According to Taste of Home, one of the best vanilla ice cream recipes uses just 4 ingredients: 2 cups heavy whipping cream, 2 cups half-and-half cream, 1 cup sugar, and 2 teaspoons vanilla extract. The total time required is 25 minutes, and it makes 1-1/4 quarts of ice cream. They recommend using high-fat milk like whole milk, heavy cream, or half-and-half to ensure a creamy texture, and suggest adding egg yolks, eggs, or cornstarch for a thicker consistency. The recipe can be made without an ice cream maker by pouring the mix into a chilled container, freezing it, and mixing it every 30 minutes until it reaches the desired creaminess.

Salt and Straw's No-Egg Base and Vanilla Recipe

A Reddit user recommends Salt and Straw's no-egg base and vanilla recipe for its versatility and ease of use. They emphasize the importance of maintaining the fats-to-sugars ratio and freezing the cylinder for 15-20 hours between batches.

No-Churn Vanilla Ice Cream Recipe from Salt & Baker

Salt & Baker offers a homemade vanilla ice cream recipe that uses eggs and heavy cream to make a smooth, creamy custard. Vanilla extract is used for flavor, and vanilla bean paste can be used for a stronger flavor. The recipe requires an ice cream maker, takes about 4-5 minutes to beat the sugar and yolks, 10-15 minutes to cool the mixture over an ice bath, and several hours to freeze.

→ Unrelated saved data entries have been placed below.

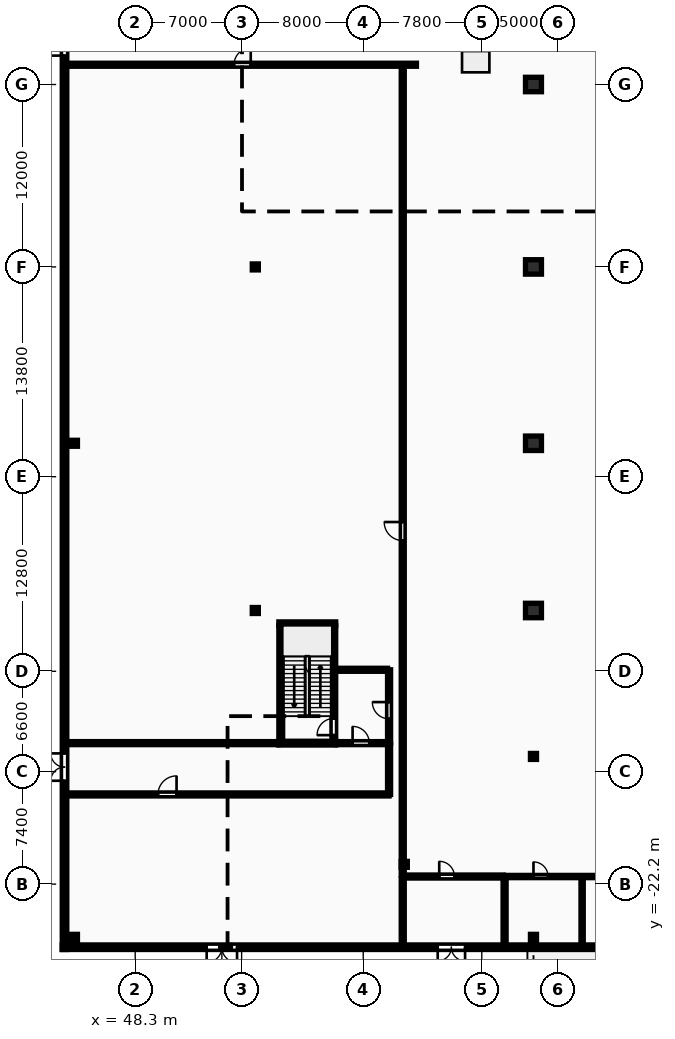
"""IFC4 building model, lengths in metres.
Left out: names, types, materials, properties, quantities, classifications, styles, units other than length and angle.
Written with IfcOpenShell. Run it as: python <this file> out.ifc"""

import sys

from ifc_helpers import new_model, si_unit, direction, frame, frame_2d, origin, origin_2d, place, context, subcontext, project, spatial, rectangle, i_section, extrude, element, fill, save


model = new_model("IFC4")
c1 = context("Model", 3, precision=1e-05, world=origin(), true_north=direction((0.0, 1.0)))
c2 = subcontext(c1, "Body", "Model", "MODEL_VIEW")
j1 = project(units=[si_unit("LENGTHUNIT", "METRE"), si_unit("PLANEANGLEUNIT", "RADIAN")], contexts=[c1])
p1 = place(None, origin())
s1 = spatial("IfcSite", under=j1, at=p1, CompositionType="ELEMENT")
p2 = place(p1, origin())
s2 = spatial("IfcBuilding", under=s1, at=p2, CompositionType="ELEMENT")
p3 = place(p2, origin())
s3 = spatial("IfcBuildingStorey", under=s2, at=p3, CompositionType="ELEMENT", Elevation=0.0)
for number, where, z_axis, x_axis in (
    (1, (74.5, -4.2, 0.0), (0.0, 0.0, 1.0), (1.0, 0.0, 0.0)),
    (2, (74.5, 6.8, 0.0), (0.0, 0.0, 1.0), (1.0, 0.0, 0.0)),
    (3, (74.5, 18.4, 0.0), (0.0, 0.0, 1.0), (1.0, 0.0, 0.0)),
    (4, (74.5, 30.4, 0.0), (0.0, 0.0, 1.0), (1.0, 0.0, 0.0)),
):
    element("IfcColumn", number, at=place(p3, frame(where, z_axis=z_axis, x_axis=x_axis)), inside=s3, PredefinedType="COLUMN", context=c2, shape_type="SweptSolid", body=[
        extrude(rectangle(XDim=1.05, YDim=0.95, at=origin_2d()), origin(), (0.0, 0.0, 1.0), 5.4),
    ])
for number, where, z_axis, x_axis in (
    (5, (56.2, -4.2, 0.0), (0.0, 0.0, 1.0), (1.0, 0.0, 0.0)),
    (6, (56.2, 18.4, 0.0), (0.0, 0.0, 1.0), (1.0, 0.0, 0.0)),
    (7, (74.5, -13.8, 0.0), (0.0, 0.0, 1.0), (1.0, 0.0, 0.0)),
    (8, (66.0, -20.9, 0.0), (0.0, 0.0, 1.0), (1.0, 0.0, 0.0)),
    (9, (44.3, -25.7, 0.0), (0.0, 0.0, 1.0), (1.0, 0.0, 0.0)),
    (10, (44.3, 6.8, 0.0), (0.0, 0.0, 1.0), (1.0, 0.0, 0.0)),
    (11, (74.5, -25.7, 0.0), (0.0, 0.0, 1.0), (1.0, 0.0, 0.0)),
):
    element("IfcColumn", number, at=place(p3, frame(where, z_axis=z_axis, x_axis=x_axis)), inside=s3, PredefinedType="COLUMN", context=c2, shape_type="SweptSolid", body=[
        extrude(i_section(OverallWidth=0.399, OverallDepth=0.394, WebThickness=0.023, FlangeThickness=0.037, FilletRadius=0.015, at=origin_2d()), origin(), (0.0, 0.0, 1.0), 5.4),
    ])
p4 = place(p3, frame((43.5, -26.35, 0.0), z_axis=(0.0, 0.0, 1.0), x_axis=(1.0, 0.0, 0.0)))
e12 = element("IfcWall", 12, at=p4, inside=s3, PredefinedType="STANDARD", context=c2, shape_type="SweptSolid", body=[
    extrude(rectangle(XDim=46.0, YDim=0.3, at=frame_2d((23.0, 0.0))), origin(), (0.0, 0.0, 1.0), 5.1),
])
p5 = place(p4, frame((9.5, 0.0, 0.0)))
e13 = element("IfcOpeningElement", 13, at=p5, cuts=e12, PredefinedType="OPENING", context=c2, shape_type="SweptSolid", body=[
    extrude(rectangle(XDim=2.0, YDim=2.6, at=frame_2d((1.0, 1.3))), frame((0.0, 0.16, 0.0), z_axis=(0.0, -1.0, 0.0), x_axis=(1.0, 0.0, 0.0)), (0.0, 0.0, 1.0), 0.32),
])
p6 = place(p4, frame((24.7, 0.0, 0.0)))
e14 = element("IfcOpeningElement", 14, at=p6, cuts=e12, PredefinedType="OPENING", context=c2, shape_type="SweptSolid", body=[
    extrude(rectangle(XDim=1.8, YDim=2.2, at=frame_2d((0.9, 1.1))), frame((0.0, 0.16, 0.0), z_axis=(0.0, -1.0, 0.0), x_axis=(1.0, 0.0, 0.0)), (0.0, 0.0, 1.0), 0.32),
])
p7 = place(p4, frame((43.4, 0.0, 0.0)))
e15 = element("IfcOpeningElement", 15, at=p7, cuts=e12, PredefinedType="OPENING", context=c2, shape_type="SweptSolid", body=[
    extrude(rectangle(XDim=1.8, YDim=2.2, at=frame_2d((0.9, 1.1))), frame((0.0, 0.16, 0.0), z_axis=(0.0, -1.0, 0.0), x_axis=(1.0, 0.0, 0.0)), (0.0, 0.0, 1.0), 0.32),
])
p8 = place(p3, frame((43.65, 109.2, 0.0), z_axis=(0.0, 0.0, 1.0), x_axis=(0.0, -1.0, 0.0)))
e16 = element("IfcWall", 16, at=p8, inside=s3, PredefinedType="STANDARD", context=c2, shape_type="SweptSolid", body=[
    extrude(rectangle(XDim=135.7, YDim=0.3, at=frame_2d((67.85, 0.0))), origin(), (0.0, 0.0, 1.0), 5.1),
])
p9 = place(p8, frame((75.1, 0.0, 0.0)))
e17 = element("IfcOpeningElement", 17, at=p9, cuts=e16, PredefinedType="OPENING", context=c2, shape_type="SweptSolid", body=[
    extrude(rectangle(XDim=1.8, YDim=2.2, at=frame_2d((0.9, 1.1))), frame((0.0, 0.16, 0.0), z_axis=(0.0, -1.0, 0.0), x_axis=(1.0, 0.0, 0.0)), (0.0, 0.0, 1.0), 0.32),
])
p10 = place(p8, frame((28.1, 0.0, 0.0)))
e18 = element("IfcOpeningElement", 18, at=p10, cuts=e16, PredefinedType="OPENING", context=c2, shape_type="SweptSolid", body=[
    extrude(rectangle(XDim=1.8, YDim=2.2, at=frame_2d((0.9, 1.1))), frame((0.0, 0.16, 0.0), z_axis=(0.0, -1.0, 0.0), x_axis=(1.0, 0.0, 0.0)), (0.0, 0.0, 1.0), 0.32),
])
p11 = place(p8, frame((36.0, 0.0, 0.0)))
e19 = element("IfcOpeningElement", 19, at=p11, cuts=e16, PredefinedType="OPENING", context=c2, shape_type="SweptSolid", body=[
    extrude(rectangle(XDim=2.0, YDim=2.6, at=frame_2d((1.0, 1.3))), frame((0.0, 0.16, 0.0), z_axis=(0.0, -1.0, 0.0), x_axis=(1.0, 0.0, 0.0)), (0.0, 0.0, 1.0), 0.32),
])
p12 = place(p8, frame((48.0, 0.0, 0.0)))
e20 = element("IfcOpeningElement", 20, at=p12, cuts=e16, PredefinedType="OPENING", context=c2, shape_type="SweptSolid", body=[
    extrude(rectangle(XDim=1.8, YDim=2.2, at=frame_2d((0.9, 1.1))), frame((0.0, 0.16, 0.0), z_axis=(0.0, -1.0, 0.0), x_axis=(1.0, 0.0, 0.0)), (0.0, 0.0, 1.0), 0.32),
])
p13 = place(p8, frame((122.8, 0.0, 0.0)))
e21 = element("IfcOpeningElement", 21, at=p13, cuts=e16, PredefinedType="OPENING", context=c2, shape_type="SweptSolid", body=[
    extrude(rectangle(XDim=1.8, YDim=2.2, at=frame_2d((0.9, 1.1))), frame((0.0, 0.16, 0.0), z_axis=(0.0, -1.0, 0.0), x_axis=(1.0, 0.0, 0.0)), (0.0, 0.0, 1.0), 0.32),
])
p14 = place(p3, frame((57.875, -12.8, 0.0), z_axis=(0.0, 0.0, 1.0), x_axis=(0.0, 1.0, 0.0)))
e22 = element("IfcWall", 22, at=p14, inside=s3, PredefinedType="SHEAR", context=c2, shape_type="SweptSolid", body=[
    extrude(rectangle(XDim=7.6, YDim=0.25, at=frame_2d((3.8, 0.0))), origin(), (0.0, 0.0, 1.0), 5.4),
])
for number, where, z_axis, x_axis in (
    (23, (57.75, -12.925, 0.0), (0.0, 0.0, 1.0), (1.0, 0.0, 0.0)),
    (24, (57.75, -5.075, 0.0), (0.0, 0.0, 1.0), (1.0, 0.0, 0.0)),
):
    element("IfcWall", number, at=place(p3, frame(where, z_axis=z_axis, x_axis=x_axis)), inside=s3, PredefinedType="SHEAR", context=c2, shape_type="SweptSolid", body=[
        extrude(rectangle(XDim=3.74, YDim=0.25, at=frame_2d((1.87, 0.0))), origin(), (0.0, 0.0, 1.0), 5.4),
    ])
p15 = place(p3, frame((61.365, -12.8, 0.0), z_axis=(0.0, 0.0, 1.0), x_axis=(0.0, 1.0, 0.0)))
e25 = element("IfcWall", 25, at=p15, inside=s3, PredefinedType="SHEAR", context=c2, shape_type="SweptSolid", body=[
    extrude(rectangle(XDim=7.6, YDim=0.25, at=frame_2d((3.8, 0.0))), origin(), (0.0, 0.0, 1.0), 5.4),
])
p16 = place(p15, frame((0.4, 0.0, 0.0)))
e26 = element("IfcOpeningElement", 26, at=p16, cuts=e25, PredefinedType="OPENING", context=c2, shape_type="SweptSolid", body=[
    extrude(rectangle(XDim=1.1, YDim=2.1, at=frame_2d((0.55, 1.05))), frame((0.0, 0.135, 0.0), z_axis=(0.0, -1.0, 0.0), x_axis=(1.0, 0.0, 0.0)), (0.0, 0.0, 1.0), 0.27),
])
p17 = place(p3, frame((65.0, -12.925, 0.0), z_axis=(0.0, 0.0, 1.0), x_axis=(0.0, 1.0, 0.0)))
e27 = element("IfcWall", 27, at=p17, inside=s3, PredefinedType="PARTITIONING", context=c2, shape_type="SweptSolid", body=[
    extrude(rectangle(XDim=4.825, YDim=0.2, at=frame_2d((2.413, 0.0))), origin(), (0.0, 0.0, 1.0), 5.1),
])
p18 = place(p17, frame((1.6, 0.0, 0.0)))
e28 = element("IfcOpeningElement", 28, at=p18, cuts=e27, PredefinedType="OPENING", context=c2, shape_type="SweptSolid", body=[
    extrude(rectangle(XDim=1.1, YDim=2.15, at=frame_2d((0.55, 1.075))), frame((0.0, 0.11, 0.0), z_axis=(0.0, -1.0, 0.0), x_axis=(1.0, 0.0, 0.0)), (0.0, 0.0, 1.0), 0.22),
])
p19 = place(p3, frame((61.5, -12.925, 0.0), z_axis=(0.0, 0.0, 1.0), x_axis=(1.0, 0.0, 0.0)))
e29 = element("IfcWall", 29, at=p19, inside=s3, PredefinedType="PARTITIONING", context=c2, shape_type="SweptSolid", body=[
    extrude(rectangle(XDim=3.4, YDim=0.2, at=frame_2d((1.7, 0.0))), origin(), (0.0, 0.0, 1.0), 5.1),
])
p20 = place(p19, frame((1.1, 0.0, 0.0)))
e30 = element("IfcOpeningElement", 30, at=p20, cuts=e29, PredefinedType="OPENING", context=c2, shape_type="SweptSolid", body=[
    extrude(rectangle(XDim=1.1, YDim=2.1, at=frame_2d((0.55, 1.05))), frame((0.0, 0.11, 0.0), z_axis=(0.0, -1.0, 0.0), x_axis=(1.0, 0.0, 0.0)), (0.0, 0.0, 1.0), 0.22),
])
p21 = place(p3, frame((61.5, -8.1, 0.0), z_axis=(0.0, 0.0, 1.0), x_axis=(1.0, 0.0, 0.0)))
e31 = element("IfcWall", 31, at=p21, inside=s3, PredefinedType="PARTITIONING", context=c2, shape_type="SweptSolid", body=[
    extrude(rectangle(XDim=3.4, YDim=0.2, at=frame_2d((1.7, 0.0))), origin(), (0.0, 0.0, 1.0), 5.1),
])
p22 = place(p3, frame((65.9, -21.7, 0.0), z_axis=(0.0, 0.0, 1.0), x_axis=(1.0, 0.0, 0.0)))
e32 = element("IfcWall", 32, at=p22, inside=s3, PredefinedType="PARTITIONING", context=c2, shape_type="SweptSolid", body=[
    extrude(rectangle(XDim=6.6, YDim=0.2, at=frame_2d((3.3, 0.0))), origin(), (0.0, 0.0, 1.0), 5.1),
])
p23 = place(p22, frame((2.4, 0.0, 0.0)))
e33 = element("IfcOpeningElement", 33, at=p23, cuts=e32, PredefinedType="OPENING", context=c2, shape_type="SweptSolid", body=[
    extrude(rectangle(XDim=1.0, YDim=2.1, at=frame_2d((0.5, 1.05))), frame((0.0, 0.11, 0.0), z_axis=(0.0, -1.0, 0.0), x_axis=(1.0, 0.0, 0.0)), (0.0, 0.0, 1.0), 0.22),
])
for number, where, z_axis, x_axis in (
    (34, (65.9, -26.2, 0.0), (0.0, 0.0, 1.0), (0.0, 1.0, 0.0)),
    (35, (72.6, -26.2, 0.0), (0.0, 0.0, 1.0), (0.0, 1.0, 0.0)),
):
    element("IfcWall", number, at=place(p3, frame(where, z_axis=z_axis, x_axis=x_axis)), inside=s3, PredefinedType="PARTITIONING", context=c2, shape_type="SweptSolid", body=[
        extrude(rectangle(XDim=4.35, YDim=0.2, at=frame_2d((2.175, 0.0))), origin(), (0.0, 0.0, 1.0), 5.1),
    ])
p24 = place(p3, frame((43.8, 31.7, 0.0), z_axis=(0.0, 0.0, 1.0), x_axis=(1.0, 0.0, 0.0)))
e36 = element("IfcWall", 36, at=p24, inside=s3, PredefinedType="PARTITIONING", context=c2, shape_type="SweptSolid", body=[
    extrude(rectangle(XDim=23.0, YDim=0.2, at=frame_2d((11.5, 0.0))), origin(), (0.0, 0.0, 1.0), 5.1),
])
p25 = place(p24, frame((11.0, 0.0, 0.0)))
e37 = element("IfcOpeningElement", 37, at=p25, cuts=e36, PredefinedType="OPENING", context=c2, shape_type="SweptSolid", body=[
    extrude(rectangle(XDim=1.1, YDim=2.1, at=frame_2d((0.55, 1.05))), frame((0.0, 0.11, 0.0), z_axis=(0.0, -1.0, 0.0), x_axis=(1.0, 0.0, 0.0)), (0.0, 0.0, 1.0), 0.22),
])
p26 = place(p3, frame((43.8, -16.3, 0.0), z_axis=(0.0, 0.0, 1.0), x_axis=(1.0, 0.0, 0.0)))
e38 = element("IfcWall", 38, at=p26, inside=s3, PredefinedType="PARTITIONING", context=c2, shape_type="SweptSolid", body=[
    extrude(rectangle(XDim=21.2, YDim=0.2, at=frame_2d((10.6, 0.0))), origin(), (0.0, 0.0, 1.0), 5.1),
])
p27 = place(p26, frame((6.0, 0.0, 0.0)))
e39 = element("IfcOpeningElement", 39, at=p27, cuts=e38, PredefinedType="OPENING", context=c2, shape_type="SweptSolid", body=[
    extrude(rectangle(XDim=1.22, YDim=2.18, at=frame_2d((0.61, 1.09))), frame((0.0, 0.11, 0.0), z_axis=(0.0, -1.0, 0.0), x_axis=(1.0, 0.0, 0.0)), (0.0, 0.0, 1.0), 0.22),
])
p28 = place(p3, frame((43.8, -12.925, 0.0), z_axis=(0.0, 0.0, 1.0), x_axis=(1.0, 0.0, 0.0)))
e40 = element("IfcWall", 40, at=p28, inside=s3, PredefinedType="PARTITIONING", context=c2, shape_type="SweptSolid", body=[
    extrude(rectangle(XDim=13.9, YDim=0.2, at=frame_2d((6.95, 0.0))), origin(), (0.0, 0.0, 1.0), 5.1),
])
p29 = place(p3, frame((65.0, -16.3, 0.0), z_axis=(0.0, 0.0, 1.0), x_axis=(0.0, 1.0, 0.0)))
e41 = element("IfcWall", 41, at=p29, inside=s3, PredefinedType="PARTITIONING", context=c2, shape_type="SweptSolid", body=[
    extrude(rectangle(XDim=3.3, YDim=0.2, at=frame_2d((1.65, 0.0))), origin(), (0.0, 0.0, 1.0), 5.1),
])
p30 = place(p3, frame((72.7, -21.7, 0.0), z_axis=(0.0, 0.0, 1.0), x_axis=(1.0, 0.0, 0.0)))
e42 = element("IfcWall", 42, at=p30, inside=s3, PredefinedType="PARTITIONING", context=c2, shape_type="SweptSolid", body=[
    extrude(rectangle(XDim=13.5, YDim=0.15, at=frame_2d((6.75, 0.0))), origin(), (0.0, 0.0, 1.0), 5.1),
])
p31 = place(p30, frame((1.8, 0.0, 0.0)))
e43 = element("IfcOpeningElement", 43, at=p31, cuts=e42, PredefinedType="OPENING", context=c2, shape_type="SweptSolid", body=[
    extrude(rectangle(XDim=0.96, YDim=2.1, at=frame_2d((0.48, 1.05))), frame((0.0, 0.085, 0.0), z_axis=(0.0, -1.0, 0.0), x_axis=(1.0, 0.0, 0.0)), (0.0, 0.0, 1.0), 0.17),
])
p32 = place(p30, frame((6.4, 0.0, 0.0)))
e44 = element("IfcOpeningElement", 44, at=p32, cuts=e42, PredefinedType="OPENING", context=c2, shape_type="SweptSolid", body=[
    extrude(rectangle(XDim=0.92, YDim=2.08, at=frame_2d((0.46, 1.04))), frame((0.0, 0.085, 0.0), z_axis=(0.0, -1.0, 0.0), x_axis=(1.0, 0.0, 0.0)), (0.0, 0.0, 1.0), 0.17),
])
p33 = place(p30, frame((10.6, 0.0, 0.0)))
e45 = element("IfcOpeningElement", 45, at=p33, cuts=e42, PredefinedType="OPENING", context=c2, shape_type="SweptSolid", body=[
    extrude(rectangle(XDim=0.92, YDim=2.08, at=frame_2d((0.46, 1.04))), frame((0.0, 0.085, 0.0), z_axis=(0.0, -1.0, 0.0), x_axis=(1.0, 0.0, 0.0)), (0.0, 0.0, 1.0), 0.17),
])
p34 = place(p3, frame((77.7, -26.2, 0.0), z_axis=(0.0, 0.0, 1.0), x_axis=(0.0, 1.0, 0.0)))
e46 = element("IfcWall", 46, at=p34, inside=s3, PredefinedType="PARTITIONING", context=c2, shape_type="SweptSolid", body=[
    extrude(rectangle(XDim=4.4, YDim=0.15, at=frame_2d((2.2, 0.0))), origin(), (0.0, 0.0, 1.0), 5.1),
])
p35 = place(p3, frame((65.9, -21.6, 0.0), z_axis=(0.0, 0.0, 1.0), x_axis=(0.0, 1.0, 0.0)))
e47 = element("IfcWall", 47, at=p35, inside=s3, PredefinedType="PARTITIONING", context=c2, shape_type="SweptSolid", body=[
    extrude(rectangle(XDim=53.15, YDim=0.2, at=frame_2d((26.575, 0.0))), origin(), (0.0, 0.0, 1.0), 5.1),
])
p36 = place(p35, frame((22.0, 0.0, 0.0)))
e48 = element("IfcOpeningElement", 48, at=p36, cuts=e47, PredefinedType="OPENING", context=c2, shape_type="SweptSolid", body=[
    extrude(rectangle(XDim=1.22, YDim=2.18, at=frame_2d((0.61, 1.09))), frame((0.0, 0.11, 0.0), z_axis=(0.0, -1.0, 0.0), x_axis=(1.0, 0.0, 0.0)), (0.0, 0.0, 1.0), 0.22),
])
p37 = place(p5, frame((2.0, 0.0, 0.0), z_axis=(0.0, 0.0, 1.0), x_axis=(-1.0, 0.0, 0.0)))
e49 = element("IfcDoor", 49, at=p37, inside=s3, OperationType="DOUBLE_DOOR_SINGLE_SWING", PredefinedType="DOOR", context=c2, shape_type="SweptSolid", body=[
    extrude(rectangle(XDim=2.0, YDim=2.6, at=frame_2d((1.0, 1.3))), frame((0.0, 0.025, 0.0), z_axis=(0.0, -1.0, 0.0), x_axis=(1.0, 0.0, 0.0)), (0.0, 0.0, 1.0), 0.05),
])
fill(e13, e49)
p38 = place(p6, frame((1.8, 0.0, 0.0), z_axis=(0.0, 0.0, 1.0), x_axis=(-1.0, 0.0, 0.0)))
e50 = element("IfcDoor", 50, at=p38, inside=s3, OperationType="DOUBLE_DOOR_SINGLE_SWING", PredefinedType="DOOR", context=c2, shape_type="SweptSolid", body=[
    extrude(rectangle(XDim=1.8, YDim=2.2, at=frame_2d((0.9, 1.1))), frame((0.0, 0.025, 0.0), z_axis=(0.0, -1.0, 0.0), x_axis=(1.0, 0.0, 0.0)), (0.0, 0.0, 1.0), 0.05),
])
fill(e14, e50)
p39 = place(p9, frame((1.8, 0.0, 0.0), z_axis=(0.0, 0.0, 1.0), x_axis=(-1.0, 0.0, 0.0)))
e51 = element("IfcDoor", 51, at=p39, inside=s3, OperationType="DOUBLE_DOOR_SINGLE_SWING", PredefinedType="DOOR", context=c2, shape_type="SweptSolid", body=[
    extrude(rectangle(XDim=1.8, YDim=2.2, at=frame_2d((0.9, 1.1))), frame((0.0, 0.025, 0.0), z_axis=(0.0, -1.0, 0.0), x_axis=(1.0, 0.0, 0.0)), (0.0, 0.0, 1.0), 0.05),
])
fill(e17, e51)
p40 = place(p13, frame((1.8, 0.0, 0.0), z_axis=(0.0, 0.0, 1.0), x_axis=(-1.0, 0.0, 0.0)))
e52 = element("IfcDoor", 52, at=p40, inside=s3, OperationType="DOUBLE_DOOR_SINGLE_SWING", PredefinedType="DOOR", context=c2, shape_type="SweptSolid", body=[
    extrude(rectangle(XDim=1.8, YDim=2.2, at=frame_2d((0.9, 1.1))), frame((0.0, 0.025, 0.0), z_axis=(0.0, -1.0, 0.0), x_axis=(1.0, 0.0, 0.0)), (0.0, 0.0, 1.0), 0.05),
])
fill(e21, e52)
p41 = place(p16, origin())
e53 = element("IfcDoor", 53, at=p41, inside=s3, OperationType="SINGLE_SWING_LEFT", PredefinedType="DOOR", context=c2, shape_type="SweptSolid", body=[
    extrude(rectangle(XDim=1.1, YDim=2.1, at=frame_2d((0.55, 1.05))), frame((0.0, 0.025, 0.0), z_axis=(0.0, -1.0, 0.0), x_axis=(1.0, 0.0, 0.0)), (0.0, 0.0, 1.0), 0.05),
])
fill(e26, e53)
p42 = place(p18, origin())
e54 = element("IfcDoor", 54, at=p42, inside=s3, OperationType="SINGLE_SWING_RIGHT", PredefinedType="DOOR", context=c2, shape_type="SweptSolid", body=[
    extrude(rectangle(XDim=1.1, YDim=2.15, at=frame_2d((0.55, 1.075))), frame((0.0, 0.025, 0.0), z_axis=(0.0, -1.0, 0.0), x_axis=(1.0, 0.0, 0.0)), (0.0, 0.0, 1.0), 0.05),
])
fill(e28, e54)
p43 = place(p20, origin())
e55 = element("IfcDoor", 55, at=p43, inside=s3, OperationType="SINGLE_SWING_LEFT", PredefinedType="DOOR", context=c2, shape_type="SweptSolid", body=[
    extrude(rectangle(XDim=1.1, YDim=2.1, at=frame_2d((0.55, 1.05))), frame((0.0, 0.025, 0.0), z_axis=(0.0, -1.0, 0.0), x_axis=(1.0, 0.0, 0.0)), (0.0, 0.0, 1.0), 0.05),
])
fill(e30, e55)
p44 = place(p23, origin())
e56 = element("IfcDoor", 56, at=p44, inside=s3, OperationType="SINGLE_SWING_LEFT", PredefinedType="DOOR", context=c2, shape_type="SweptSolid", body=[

Wink Frozen Desserts' Step-by-Step Guide

Wink Frozen Desserts provides a step-by-step guide to making vanilla ice cream at home without a machine, using heavy cream, condensed milk, pure vanilla extract, and a pinch of salt. The ice cream needs to be frozen for at least six hours.

Allrecipes' How to Make Vanilla Ice Cream

Allrecipes provides a simple vanilla ice cream recipe using 2 1/4 cups of milk, 1 cup of heavy whipping cream, 1/2 cup white sugar, and 2 tsp vanilla extract. The recipe involves cooking the milk, cream, and sugar until the sugar has dissolved, then chilling the mix for 8 hours or overnight before churning it in an ice cream maker.
Bigger Bolder Baking's Homemade Vanilla Ice Cream

Bigger Bolder Baking's Homemade Vanilla Ice Cream

Bigger Bolder Baking offers a homemade vanilla ice cream recipe that does not require an ice cream machine. The base of the recipe is made by whipping heavy whipping cream and sweetened condensed milk, and the ice cream can be stored in the freezer for up to 6 weeks.

Shugary Sweets' Homemade Vanilla Ice Cream

Shugary Sweets provides a homemade vanilla ice cream recipe that yields 6 servings and requires 1 and 3/4 cups of heavy whipping cream, 1 and 1/4 cup of whole milk, 3/4 cup of granulated sugar, a pinch of salt, and 1 tablespoon of vanilla extract. The recipe is Philadelphia style ice cream and does not use eggs, and it takes 12 hours and 25 minutes to make, including freezer time.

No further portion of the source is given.